The Mecklenburg County agency that assists Charlotte-Mecklenburg police with children who are mistreated or witness violence requested new money to continue expanding the community policing program to each of CMPD’s 13 divisions.
The request for nearly $470,000 came at Tuesday’s public policy workshop – a prelude to the recommended budget for the fiscal year beginning July 1 that County Manager Dena Diorio will unveil in late May.
Child Development-Community Policing, a division of the county’s Provided Services Organization, places mental health professionals on call 24 hours a day to respond to police calls involving child victims or children who witness violence or other trauma.
The program sends mental health professionals to cases where children may be traumatized and also trains officers in crisis intervention.

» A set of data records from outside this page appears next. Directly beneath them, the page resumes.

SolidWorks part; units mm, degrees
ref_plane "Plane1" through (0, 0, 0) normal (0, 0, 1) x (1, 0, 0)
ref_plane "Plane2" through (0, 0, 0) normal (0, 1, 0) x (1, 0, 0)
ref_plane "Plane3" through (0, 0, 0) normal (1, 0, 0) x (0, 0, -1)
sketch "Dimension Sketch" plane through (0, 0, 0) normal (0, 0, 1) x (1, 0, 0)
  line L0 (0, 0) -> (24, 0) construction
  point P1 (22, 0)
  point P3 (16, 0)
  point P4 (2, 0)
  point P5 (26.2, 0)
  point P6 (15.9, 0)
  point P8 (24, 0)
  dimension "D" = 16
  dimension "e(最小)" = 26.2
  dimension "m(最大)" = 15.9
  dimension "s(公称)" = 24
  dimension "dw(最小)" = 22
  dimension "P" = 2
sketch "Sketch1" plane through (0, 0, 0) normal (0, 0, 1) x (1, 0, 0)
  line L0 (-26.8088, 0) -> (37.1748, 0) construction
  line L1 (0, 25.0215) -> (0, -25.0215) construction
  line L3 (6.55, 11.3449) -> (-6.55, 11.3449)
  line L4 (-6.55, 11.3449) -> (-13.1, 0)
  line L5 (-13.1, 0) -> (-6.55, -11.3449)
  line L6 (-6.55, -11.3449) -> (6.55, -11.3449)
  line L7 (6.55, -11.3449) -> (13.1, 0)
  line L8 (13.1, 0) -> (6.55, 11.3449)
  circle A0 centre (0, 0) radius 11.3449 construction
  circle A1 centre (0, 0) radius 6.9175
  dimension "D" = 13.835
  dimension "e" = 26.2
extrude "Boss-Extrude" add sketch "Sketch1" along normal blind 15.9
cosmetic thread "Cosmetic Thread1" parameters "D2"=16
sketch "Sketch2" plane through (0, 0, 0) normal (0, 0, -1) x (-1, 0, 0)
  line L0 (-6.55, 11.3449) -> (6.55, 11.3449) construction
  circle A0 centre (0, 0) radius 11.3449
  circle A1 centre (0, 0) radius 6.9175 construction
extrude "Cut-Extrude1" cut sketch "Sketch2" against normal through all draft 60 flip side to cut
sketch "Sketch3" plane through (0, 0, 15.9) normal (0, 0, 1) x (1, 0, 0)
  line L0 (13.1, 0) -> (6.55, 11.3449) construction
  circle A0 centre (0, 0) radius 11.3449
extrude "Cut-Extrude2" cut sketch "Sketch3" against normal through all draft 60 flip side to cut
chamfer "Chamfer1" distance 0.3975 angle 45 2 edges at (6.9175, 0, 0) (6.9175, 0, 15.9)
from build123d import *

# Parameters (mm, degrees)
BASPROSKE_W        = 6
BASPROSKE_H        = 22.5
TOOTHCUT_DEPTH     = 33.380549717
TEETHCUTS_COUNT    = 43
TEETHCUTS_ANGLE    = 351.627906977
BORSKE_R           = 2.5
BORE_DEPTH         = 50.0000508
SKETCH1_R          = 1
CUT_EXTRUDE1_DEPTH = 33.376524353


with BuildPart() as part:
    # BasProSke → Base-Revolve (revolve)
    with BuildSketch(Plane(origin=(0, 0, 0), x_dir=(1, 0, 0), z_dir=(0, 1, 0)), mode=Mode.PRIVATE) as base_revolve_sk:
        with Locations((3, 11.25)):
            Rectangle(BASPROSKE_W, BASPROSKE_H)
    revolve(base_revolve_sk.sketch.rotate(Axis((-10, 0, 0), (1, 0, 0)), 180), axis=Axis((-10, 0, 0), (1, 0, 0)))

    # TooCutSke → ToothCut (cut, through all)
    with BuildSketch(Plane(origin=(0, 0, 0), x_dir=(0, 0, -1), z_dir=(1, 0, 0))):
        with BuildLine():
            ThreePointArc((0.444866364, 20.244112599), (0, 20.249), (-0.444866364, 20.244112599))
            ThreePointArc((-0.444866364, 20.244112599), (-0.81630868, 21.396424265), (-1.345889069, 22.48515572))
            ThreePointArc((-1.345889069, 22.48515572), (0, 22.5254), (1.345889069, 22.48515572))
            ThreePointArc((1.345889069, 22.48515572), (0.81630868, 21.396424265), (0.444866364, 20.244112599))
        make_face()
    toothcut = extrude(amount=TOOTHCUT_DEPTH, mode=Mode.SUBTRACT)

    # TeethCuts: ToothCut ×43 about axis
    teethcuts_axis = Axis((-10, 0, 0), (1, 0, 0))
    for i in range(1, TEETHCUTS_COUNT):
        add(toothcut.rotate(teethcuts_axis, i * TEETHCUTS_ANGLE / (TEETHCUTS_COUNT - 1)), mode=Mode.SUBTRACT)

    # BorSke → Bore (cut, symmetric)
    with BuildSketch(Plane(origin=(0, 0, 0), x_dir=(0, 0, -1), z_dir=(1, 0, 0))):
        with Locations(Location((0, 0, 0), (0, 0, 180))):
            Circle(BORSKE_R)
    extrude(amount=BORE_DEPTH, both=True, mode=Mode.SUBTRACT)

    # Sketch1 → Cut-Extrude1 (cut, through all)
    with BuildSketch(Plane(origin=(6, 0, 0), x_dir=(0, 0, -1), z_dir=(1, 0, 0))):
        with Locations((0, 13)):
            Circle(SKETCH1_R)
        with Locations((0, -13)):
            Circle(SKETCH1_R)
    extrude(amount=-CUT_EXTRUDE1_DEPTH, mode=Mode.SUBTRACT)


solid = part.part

Connie Mele, director of provided services, said CD-CP would use the money to fund six new mental health positions that would be assigned to CMPD’s Independence, North, Central and South divisions.
“It will allow us to be one of the first departments in the country that has a police-mental health collaboration that places a focus on children,” Mele told commissioners.
Since 1996, the agency has partnered with CMPD and Yale University to build a program that tries to reestablish safety and security for children in the wake of violent events. It is similar to a program in New Haven, Conn., created by the Yale Child Study Center and the police department.
The program’s goals are to increase a police officer’s ability to identify a child exposed to violence, and to increase coordinated services focused on children and their families.
Critical to Charlotte-Mecklenburg’s program, police officers play a central role in the intervention, capitalizing on their roles as representatives of control and authority in the face of trauma and violence.
The hope is that officers and clinicians calm a traumatized child, interrupting a path that frequently leads to increased risk of psychiatric problems, academic failure and encounters with the law.
The work of the Charlotte and New Haven teams have received widespread acclaim. They are working with the International Association of Chiefs of Police to improve police responses to children exposed to violence.
The U.S. Justice Department’s Office of Juvenile Justice and Delinquency Prevention recently named Charlotte-Mecklenburg as the Southeast training center for the National Center for Children Exposed to Violence.
In the current fiscal year, CD-CP added staffing to the Hickory Grove and University City divisions and trained more than 150 officers.
Commissioners’ Chairman Trevor Fuller said the new positions need to be funded.
“Our most important job is protecting our children ... and by funding those positions we can better protect children everywhere in Mecklenburg County,” Fuller said. “It’s a response time issue. And we want to make sure that certain divisions are not perceived as not being a part of this program. We want all divisions to take part.”